As always, I begin the school year with wonderful ideas and hopes of how the year will go smoothly. I used my summer break to recharge, renew and reset my teaching styles, philosophy and overall thinking and attitude about how to get through the year. Of course, this year was no exception. The first month went by smoothly and I was very encouraged and kept my dreams intact – this would be year I will make more positive impact on my students. Well, I spoke too soon! I had a parent who thought that I was rushing her child into too many responsibilities and that they were too rigorous for the six-year mind! Never mind that the rule was to put her sweater/sweatshirt/jean jacket on the back or the chair so that when needed it was readily at hand instead of going to the closet each time it was needed. Interestingly, the garment was needed quite often, and I realized soon that this could become disruptive for the student plus her peers. I stuck to my rule and decided that it was a reasonable request even though the parents were adamant about sending me notes and when that didn’t stir me, they would send similar notes to the principals, vice principals, guidance counselors and others in command to request that my “strict rules” be changed!
A few months later, another parent tried to pull the rug from under my feet and cursed me out in such way that I began to question my will to go on as a teacher. The demeaning words that were used were too much to be repeated and on top of that, it would degrade my professional stance. It must also be noted that this demeaning activity took place during dismissal, in the presence of parents, teachers and other students. This did not make a difference to the parent at all. I stood firm and I kept my cool. I kept thinking of how it would be easy to defend myself, took a chance and lose my teaching license or even lose the respect I had for the other parents. Yes, I didn’t lose my professionalism and I even thought of the Bible verse, that says, “A soft answer turneth away wrath but grievous words stir up anger.” Proverbs 15:1 My knees did feel as if they were buckling and tears were welling in my eyes, but I stood tall and continued to dismiss my remaining students.
The year continued with a few mean words from peers and administrators, but I suffered in silence. I kept my cool and wallowed in self-pity, however, I didn’t teach any less or treat any of the students as if they were less than. Secretly, I wished I could retire or quit and stay home, however, the reality of no income or medical allowance scared me and as such slapped back into reality. I even shuddered to know that I had to deal with the “problem parents” and their students for the remainder of the school year. I kept going, grinned and bore the struggles. They were REAL too! I didn’t think anyone understood either.
I counted down the days of freedom and could not wait for the school year to end! As the days grew closer to the end, I heard that “I would be a perfect fit for an older grade because I had done so well in the current grade”! My first thought was, “why was I being punished for being a good teacher?” Another thought, “I thought I would be finishing up my career in this grade!” I was not a happy camper and weeks after I started thinking of how God can and will help me no matter who moves me where and who says what about me. I am still awesome and can rise above what derogatory words. I will always affirm myself. “I can do all things through Christ.” Philippians 4:13 Then, came the last day of school!

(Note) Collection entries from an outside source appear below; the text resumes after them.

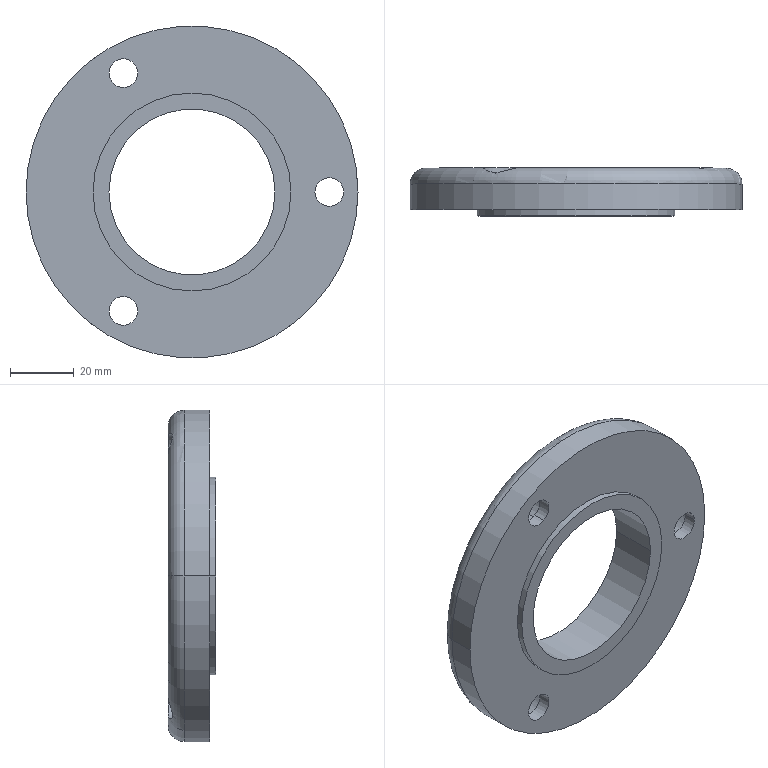Component | SolidWorks | 16-1 | 1 solid | 26 faces | box 104 x 15 x 104 mm | volume 77397 mm3 | cylinder 18 | plane 6 | torus 2 | commonest cylinder face diameters 15 x6 9 x6 52 x2 62 x2 104 x2
STEP:
#1=COLOUR_RGB('',0.7922,0.8196,0.9333);
#2=FILL_AREA_STYLE_COLOUR('',#1);
#3=FILL_AREA_STYLE('',(#2));
#4=SURFACE_STYLE_FILL_AREA(#3);
#5=SURFACE_SIDE_STYLE('',(#4));
#6=SURFACE_STYLE_USAGE(.BOTH.,#5);
#7=PRESENTATION_STYLE_ASSIGNMENT((#6));
#8=CARTESIAN_POINT('',(-1.85,-2.835,0.));
#9=VERTEX_POINT('',#8);
#10=CARTESIAN_POINT('',(-1.142,-2.835,1.456));
#11=VERTEX_POINT('',#10);
#12=CARTESIAN_POINT('',(0.,-2.835,-0.));
#13=DIRECTION('',(-0.,1.,0.));
#14=DIRECTION('',(1.,0.,0.));
#15=AXIS2_PLACEMENT_3D('',#12,#13,#14);
#16=CIRCLE('',#15,1.85);
#17=EDGE_CURVE('',#9,#11,#16,.T.);
#18=ORIENTED_EDGE('',*,*,#17,.F.);
#19=CARTESIAN_POINT('',(-2.047,-3.031,0.));
#20=VERTEX_POINT('',#19);
#21=CARTESIAN_POINT('',(-1.85,-3.031,0.));
#22=DIRECTION('',(0.,-0.,1.));
#23=DIRECTION('',(1.,0.,-0.));
#24=AXIS2_PLACEMENT_3D('',#21,#22,#23);
#25=CIRCLE('',#24,0.1969);
#26=EDGE_CURVE('',#9,#20,#25,.T.);
#27=ORIENTED_EDGE('',*,*,#26,.T.);
#28=CARTESIAN_POINT('',(2.047,-3.031,-0.));
#29=VERTEX_POINT('',#28);
#30=CARTESIAN_POINT('',(0.,-3.031,-0.));
#31=DIRECTION('',(0.,-1.,-0.));
#32=DIRECTION('',(1.,0.,-0.));
#33=AXIS2_PLACEMENT_3D('',#30,#31,#32);
#34=CIRCLE('',#33,2.047);
#35=EDGE_CURVE('',#29,#20,#34,.T.);
#36=ORIENTED_EDGE('',*,*,#35,.F.);
#37=CARTESIAN_POINT('',(1.988,-2.891,-0.));
#38=VERTEX_POINT('',#37);
#39=CARTESIAN_POINT('',(1.85,-3.031,-0.));
#40=DIRECTION('',(-0.,0.,-1.));
#41=DIRECTION('',(-1.,0.,0.));
#42=AXIS2_PLACEMENT_3D('',#39,#40,#41);
#43=CIRCLE('',#42,0.1969);
#44=EDGE_CURVE('',#38,#29,#43,.T.);
#45=ORIENTED_EDGE('',*,*,#44,.F.);
#46=CARTESIAN_POINT('',(1.832,-2.835,0.2605));
#47=VERTEX_POINT('',#46);
#48=CARTESIAN_POINT('',(1.832,-2.835,0.2605));
#49=CARTESIAN_POINT('',(1.856,-2.835,0.2476));
#50=CARTESIAN_POINT('',(1.878,-2.838,0.2318));
#51=CARTESIAN_POINT('',(1.907,-2.846,0.204));
#52=CARTESIAN_POINT('',(1.916,-2.849,0.1943));
#53=CARTESIAN_POINT('',(1.932,-2.856,0.1738));
#54=CARTESIAN_POINT('',(1.939,-2.859,0.1631));
#55=CARTESIAN_POINT('',(1.953,-2.866,0.1407));
#56=CARTESIAN_POINT('',(1.959,-2.87,0.1289));
#57=CARTESIAN_POINT('',(1.969,-2.877,0.1048));
#58=CARTESIAN_POINT('',(1.974,-2.88,0.09241));
#59=CARTESIAN_POINT('',(1.981,-2.885,0.06703));
#60=CARTESIAN_POINT('',(1.984,-2.887,0.054));
#61=CARTESIAN_POINT('',(1.987,-2.89,0.02716));
#62=CARTESIAN_POINT('',(1.988,-2.891,0.01351));
#63=CARTESIAN_POINT('',(1.988,-2.891,-0.));
#64=B_SPLINE_CURVE_WITH_KNOTS('',3,(#48,#49,#50,#51,#52,#53,#54,#55,#56,#57,#58,#59,#60,#61,#62,#63),.UNSPECIFIED.,.F.,.F.,(4,2,2,2,2,2,2,4),(0.,0.002055,0.003083,0.004111,0.005138,0.006166,0.007194,0.008222),.UNSPECIFIED.);
#65=EDGE_CURVE('',#47,#38,#64,.T.);
#66=ORIENTED_EDGE('',*,*,#65,.F.);
#67=CARTESIAN_POINT('',(-0.6904,-2.835,1.717));
#68=VERTEX_POINT('',#67);
#69=CARTESIAN_POINT('',(0.,-2.835,-0.));
#70=DIRECTION('',(-0.,1.,0.));
#71=DIRECTION('',(1.,0.,-0.));
#72=AXIS2_PLACEMENT_3D('',#69,#70,#71);
#73=CIRCLE('',#72,1.85);
#74=EDGE_CURVE('',#68,#47,#73,.T.);
#75=ORIENTED_EDGE('',*,*,#74,.F.);
#76=CARTESIAN_POINT('',(-0.9941,-2.891,1.722));
#77=VERTEX_POINT('',#76);
#78=CARTESIAN_POINT('',(-0.9941,-2.891,1.722));
#79=CARTESIAN_POINT('',(-0.9824,-2.891,1.729));
#80=CARTESIAN_POINT('',(-0.9703,-2.89,1.734));
#81=CARTESIAN_POINT('',(-0.9453,-2.887,1.745));
#82=CARTESIAN_POINT('',(-0.9325,-2.885,1.749));
#83=CARTESIAN_POINT('',(-0.894,-2.877,1.759));
#84=CARTESIAN_POINT('',(-0.8676,-2.87,1.762));
#85=CARTESIAN_POINT('',(-0.8286,-2.859,1.761));
#86=CARTESIAN_POINT('',(-0.8156,-2.856,1.76));
#87=CARTESIAN_POINT('',(-0.7896,-2.849,1.756));
#88=CARTESIAN_POINT('',(-0.7766,-2.846,1.753));
#89=CARTESIAN_POINT('',(-0.7512,-2.841,1.746));
#90=CARTESIAN_POINT('',(-0.7387,-2.839,1.741));
#91=CARTESIAN_POINT('',(-0.7141,-2.836,1.73));
#92=CARTESIAN_POINT('',(-0.702,-2.835,1.724));
#93=CARTESIAN_POINT('',(-0.6904,-2.835,1.717));
#94=B_SPLINE_CURVE_WITH_KNOTS('',3,(#78,#79,#80,#81,#82,#83,#84,#85,#86,#87,#88,#89,#90,#91,#92,#93),.UNSPECIFIED.,.F.,.F.,(4,2,2,2,2,2,2,4),(0.008222,0.009245,0.01027,0.01232,0.01334,0.01436,0.01539,0.01641),.UNSPECIFIED.);
#95=EDGE_CURVE('',#77,#68,#94,.T.);
#96=ORIENTED_EDGE('',*,*,#95,.F.);
#97=CARTESIAN_POINT('',(-1.142,-2.835,1.456));
#98=CARTESIAN_POINT('',(-1.142,-2.835,1.484));
#99=CARTESIAN_POINT('',(-1.14,-2.838,1.51));
#100=CARTESIAN_POINT('',(-1.13,-2.846,1.549));
#101=CARTESIAN_POINT('',(-1.126,-2.849,1.562));
#102=CARTESIAN_POINT('',(-1.117,-2.856,1.586));
#103=CARTESIAN_POINT('',(-1.111,-2.859,1.598));
#104=CARTESIAN_POINT('',(-1.098,-2.866,1.621));
#105=CARTESIAN_POINT('',(-1.091,-2.87,1.632));
#106=CARTESIAN_POINT('',(-1.075,-2.877,1.653));
#107=CARTESIAN_POINT('',(-1.067,-2.88,1.663));
#108=CARTESIAN_POINT('',(-1.048,-2.885,1.682));
#109=CARTESIAN_POINT('',(-1.039,-2.887,1.691));
#110=CARTESIAN_POINT('',(-1.017,-2.89,1.707));
#111=CARTESIAN_POINT('',(-1.006,-2.891,1.715));
#112=CARTESIAN_POINT('',(-0.9941,-2.891,1.722));
#113=B_SPLINE_CURVE_WITH_KNOTS('',3,(#97,#98,#99,#100,#101,#102,#103,#104,#105,#106,#107,#108,#109,#110,#111,#112),.UNSPECIFIED.,.F.,.F.,(4,2,2,2,2,2,2,4),(0.,0.002055,0.003083,0.004111,0.005138,0.006166,0.007194,0.008222),.UNSPECIFIED.);
#114=EDGE_CURVE('',#11,#77,#113,.T.);
#115=ORIENTED_EDGE('',*,*,#114,.F.);
#116=EDGE_LOOP('',(#18,#27,#36,#45,#66,#75,#96,#115));
#117=FACE_OUTER_BOUND('',#116,.T.);
#118=CARTESIAN_POINT('',(0.,-3.031,-0.));
#119=DIRECTION('',(0.,-1.,-0.));
#120=DIRECTION('',(1.,0.,-0.));
#121=AXIS2_PLACEMENT_3D('',#118,#119,#120);
#122=TOROIDAL_SURFACE('',#121,1.85,0.1969);
#123=ADVANCED_FACE('',(#117),#122,.T.);
#124=CARTESIAN_POINT('',(-0.9941,-3.189,1.722));
#125=VERTEX_POINT('',#124);
#126=CARTESIAN_POINT('',(-0.6988,-3.189,1.21));
#127=VERTEX_POINT('',#126);
#128=CARTESIAN_POINT('',(-0.8465,-3.189,1.466));
#129=DIRECTION('',(-0.,1.,0.));
#130=DIRECTION('',(0.5,0.,-0.866));
#131=AXIS2_PLACEMENT_3D('',#128,#129,#130);
#132=CIRCLE('',#131,0.2953);
#133=EDGE_CURVE('',#125,#127,#132,.T.);
#134=ORIENTED_EDGE('',*,*,#133,.F.);
#135=CARTESIAN_POINT('',(-0.9941,-2.835,1.722));
#136=DIRECTION('',(-0.,1.,0.));
#137=VECTOR('',#136,39.37);
#138=LINE('',#135,#137);
#139=EDGE_CURVE('',#125,#77,#138,.T.);
#140=ORIENTED_EDGE('',*,*,#139,.T.);
#141=ORIENTED_EDGE('',*,*,#95,.T.);
#142=CARTESIAN_POINT('',(-0.6988,-2.835,1.21));
#143=VERTEX_POINT('',#142);
#144=CARTESIAN_POINT('',(-0.8465,-2.835,1.466));
#145=DIRECTION('',(-0.,1.,0.));
#146=DIRECTION('',(0.5,0.,-0.866));
#147=AXIS2_PLACEMENT_3D('',#144,#145,#146);
#148=CIRCLE('',#147,0.2953);
#149=EDGE_CURVE('',#68,#143,#148,.T.);
#150=ORIENTED_EDGE('',*,*,#149,.T.);
#151=CARTESIAN_POINT('',(-0.6988,-2.835,1.21));
#152=DIRECTION('',(-0.,1.,0.));
#153=VECTOR('',#152,39.37);
#154=LINE('',#151,#153);
#155=EDGE_CURVE('',#127,#143,#154,.T.);
#156=ORIENTED_EDGE('',*,*,#155,.F.);
#157=EDGE_LOOP('',(#134,#140,#141,#150,#156));
#158=FACE_OUTER_BOUND('',#157,.T.);
#159=CARTESIAN_POINT('',(-0.8465,-2.835,1.466));
#160=DIRECTION('',(-0.,1.,0.));
#161=DIRECTION('',(0.5,0.,-0.866));
#162=AXIS2_PLACEMENT_3D('',#159,#160,#161);
#163=CYLINDRICAL_SURFACE('',#162,0.2953);
#164=ADVANCED_FACE('',(#158),#163,.F.);
#165=CARTESIAN_POINT('',(-0.7579,-3.346,1.313));
#166=VERTEX_POINT('',#165);
#167=CARTESIAN_POINT('',(-0.935,-3.346,1.62));
#168=VERTEX_POINT('',#167);
#169=CARTESIAN_POINT('',(-0.8465,-3.346,1.466));
#170=DIRECTION('',(0.,-1.,-0.));
#171=DIRECTION('',(-0.5,0.,0.866));
#172=AXIS2_PLACEMENT_3D('',#169,#170,#171);
#173=CIRCLE('',#172,0.1772);
#174=EDGE_CURVE('',#166,#168,#173,.T.);
#175=ORIENTED_EDGE('',*,*,#174,.T.);
#176=CARTESIAN_POINT('',(-0.935,-3.189,1.62));
#177=VERTEX_POINT('',#176);
#178=CARTESIAN_POINT('',(-0.935,-2.835,1.62));
#179=DIRECTION('',(-0.,1.,0.));
#180=VECTOR('',#179,39.37);
#181=LINE('',#178,#180);
#182=EDGE_CURVE('',#168,#177,#181,.T.);
#183=ORIENTED_EDGE('',*,*,#182,.T.);
#184=CARTESIAN_POINT('',(-0.7579,-3.189,1.313));
#185=VERTEX_POINT('',#184);
#186=CARTESIAN_POINT('',(-0.8465,-3.189,1.466));
#187=DIRECTION('',(-0.,1.,0.));
#188=DIRECTION('',(0.5,0.,-0.866));
#189=AXIS2_PLACEMENT_3D('',#186,#187,#188);
#190=CIRCLE('',#189,0.1772);
#191=EDGE_CURVE('',#177,#185,#190,.T.);
#192=ORIENTED_EDGE('',*,*,#191,.T.);
#193=CARTESIAN_POINT('',(-0.7579,-2.835,1.313));
#194=DIRECTION('',(-0.,1.,0.));
#195=VECTOR('',#194,39.37);
#196=LINE('',#193,#195);
#197=EDGE_CURVE('',#166,#185,#196,.T.);
#198=ORIENTED_EDGE('',*,*,#197,.F.);
#199=EDGE_LOOP('',(#175,#183,#192,#198));
#200=FACE_OUTER_BOUND('',#199,.T.);
#201=CARTESIAN_POINT('',(-0.8465,-2.835,1.466));
#202=DIRECTION('',(-0.,1.,0.));
#203=DIRECTION('',(0.5,0.,-0.866));
#204=AXIS2_PLACEMENT_3D('',#201,#202,#203);
#205=CYLINDRICAL_SURFACE('',#204,0.1772);
#206=ADVANCED_FACE('',(#200),#205,.F.);
#207=CARTESIAN_POINT('',(-0.9941,-3.189,-1.722));
#208=VERTEX_POINT('',#207);
#209=CARTESIAN_POINT('',(-0.6988,-3.189,-1.21));
#210=VERTEX_POINT('',#209);
#211=CARTESIAN_POINT('',(-0.8465,-3.189,-1.466));
#212=DIRECTION('',(-0.,1.,0.));
#213=DIRECTION('',(0.5,0.,0.866));
#214=AXIS2_PLACEMENT_3D('',#211,#212,#213);
#215=CIRCLE('',#214,0.2953);
#216=EDGE_CURVE('',#208,#210,#215,.T.);
#217=ORIENTED_EDGE('',*,*,#216,.F.);
#218=CARTESIAN_POINT('',(-0.9941,-2.891,-1.722));
#219=VERTEX_POINT('',#218);
#220=CARTESIAN_POINT('',(-0.9941,-2.835,-1.722));
#221=DIRECTION('',(-0.,1.,0.));
#222=VECTOR('',#221,39.37);
#223=LINE('',#220,#222);
#224=EDGE_CURVE('',#208,#219,#223,.T.);
#225=ORIENTED_EDGE('',*,*,#224,.T.);
#226=CARTESIAN_POINT('',(-1.142,-2.835,-1.456));
#227=VERTEX_POINT('',#226);
#228=CARTESIAN_POINT('',(-0.9941,-2.891,-1.722));
#229=CARTESIAN_POINT('',(-1.006,-2.891,-1.715));
#230=CARTESIAN_POINT('',(-1.017,-2.89,-1.708));
#231=CARTESIAN_POINT('',(-1.038,-2.887,-1.691));
#232=CARTESIAN_POINT('',(-1.048,-2.885,-1.682));
#233=CARTESIAN_POINT('',(-1.076,-2.877,-1.654));
#234=CARTESIAN_POINT('',(-1.092,-2.87,-1.632));
#235=CARTESIAN_POINT('',(-1.111,-2.859,-1.598));
#236=CARTESIAN_POINT('',(-1.116,-2.856,-1.586));
#237=CARTESIAN_POINT('',(-1.126,-2.849,-1.562));
#238=CARTESIAN_POINT('',(-1.13,-2.846,-1.549));
#239=CARTESIAN_POINT('',(-1.136,-2.841,-1.523));
#240=CARTESIAN_POINT('',(-1.139,-2.839,-1.51));
#241=CARTESIAN_POINT('',(-1.142,-2.836,-1.484));
#242=CARTESIAN_POINT('',(-1.142,-2.835,-1.47));
#243=CARTESIAN_POINT('',(-1.142,-2.835,-1.456));
#244=B_SPLINE_CURVE_WITH_KNOTS('',3,(#228,#229,#230,#231,#232,#233,#234,#235,#236,#237,#238,#239,#240,#241,#242,#243),.UNSPECIFIED.,.F.,.F.,(4,2,2,2,2,2,2,4),(0.008222,0.009245,0.01027,0.01232,0.01334,0.01436,0.01539,0.01641),.UNSPECIFIED.);
#245=EDGE_CURVE('',#219,#227,#244,.T.);
#246=ORIENTED_EDGE('',*,*,#245,.T.);
#247=CARTESIAN_POINT('',(-0.6988,-2.835,-1.21));
#248=VERTEX_POINT('',#247);
#249=CARTESIAN_POINT('',(-0.8465,-2.835,-1.466));
#250=DIRECTION('',(-0.,1.,0.));
#251=DIRECTION('',(0.5,0.,0.866));
#252=AXIS2_PLACEMENT_3D('',#249,#250,#251);
#253=CIRCLE('',#252,0.2953);
#254=EDGE_CURVE('',#227,#248,#253,.T.);
#255=ORIENTED_EDGE('',*,*,#254,.T.);
#256=CARTESIAN_POINT('',(-0.6988,-2.835,-1.21));
#257=DIRECTION('',(-0.,1.,0.));
#258=VECTOR('',#257,39.37);
#259=LINE('',#256,#258);
#260=EDGE_CURVE('',#210,#248,#259,.T.);
#261=ORIENTED_EDGE('',*,*,#260,.F.);
#262=EDGE_LOOP('',(#217,#225,#246,#255,#261));
#263=FACE_OUTER_BOUND('',#262,.T.);
#264=CARTESIAN_POINT('',(-0.8465,-2.835,-1.466));
#265=DIRECTION('',(-0.,1.,0.));
#266=DIRECTION('',(0.5,0.,0.866));
#267=AXIS2_PLACEMENT_3D('',#264,#265,#266);
#268=CYLINDRICAL_SURFACE('',#267,0.2953);
#269=ADVANCED_FACE('',(#263),#268,.F.);
#270=CARTESIAN_POINT('',(-0.7579,-3.346,-1.313));
#271=VERTEX_POINT('',#270);
#272=CARTESIAN_POINT('',(-0.935,-3.346,-1.62));
#273=VERTEX_POINT('',#272);
#274=CARTESIAN_POINT('',(-0.8465,-3.346,-1.466));
#275=DIRECTION('',(0.,-1.,-0.));
#276=DIRECTION('',(-0.5,0.,-0.866));
#277=AXIS2_PLACEMENT_3D('',#274,#275,#276);
#278=CIRCLE('',#277,0.1772);
#279=EDGE_CURVE('',#271,#273,#278,.T.);
#280=ORIENTED_EDGE('',*,*,#279,.T.);
#281=CARTESIAN_POINT('',(-0.935,-3.189,-1.62));
#282=VERTEX_POINT('',#281);
#283=CARTESIAN_POINT('',(-0.935,-2.835,-1.62));
#284=DIRECTION('',(-0.,1.,0.));
#285=VECTOR('',#284,39.37);
#286=LINE('',#283,#285);
#287=EDGE_CURVE('',#273,#282,#286,.T.);
#288=ORIENTED_EDGE('',*,*,#287,.T.);
#289=CARTESIAN_POINT('',(-0.7579,-3.189,-1.313));
#290=VERTEX_POINT('',#289);
#291=CARTESIAN_POINT('',(-0.8465,-3.189,-1.466));
#292=DIRECTION('',(-0.,1.,0.));
#293=DIRECTION('',(0.5,0.,0.866));
#294=AXIS2_PLACEMENT_3D('',#291,#292,#293);
#295=CIRCLE('',#294,0.1772);
#296=EDGE_CURVE('',#282,#290,#295,.T.);
#297=ORIENTED_EDGE('',*,*,#296,.T.);
#298=CARTESIAN_POINT('',(-0.7579,-2.835,-1.313));
#299=DIRECTION('',(-0.,1.,0.));
#300=VECTOR('',#299,39.37);
#301=LINE('',#298,#300);
#302=EDGE_CURVE('',#271,#290,#301,.T.);
#303=ORIENTED_EDGE('',*,*,#302,.F.);
#304=EDGE_LOOP('',(#280,#288,#297,#303));
#305=FACE_OUTER_BOUND('',#304,.T.);
#306=CARTESIAN_POINT('',(-0.8465,-2.835,-1.466));
#307=DIRECTION('',(-0.,1.,0.));
#308=DIRECTION('',(0.5,0.,0.866));
#309=AXIS2_PLACEMENT_3D('',#306,#307,#308);
#310=CYLINDRICAL_SURFACE('',#309,0.1772);
#311=ADVANCED_FACE('',(#305),#310,.F.);
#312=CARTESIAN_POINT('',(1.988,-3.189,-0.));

I was presently surprised with gifts, gift cards, flowers and even tears of regret about leaving my class. The beautiful expressions of love and care from the parents and students were proof of strength and encouragement. I felt like I did my job well and made them feel social and emotionally appreciated. I felt like say, “Mission accomplished”! I even thought of the saying “giving people their flowers while it still matters”. I had done my best and was rewarded even if some people made me feel less than. There were some who still believed in me and cared about me. Kindness matters and we should ALL try to keep kindness in the forefront of our minds. A reminder to self: never stop doing my best just because I don’t get the compliments or credit from others.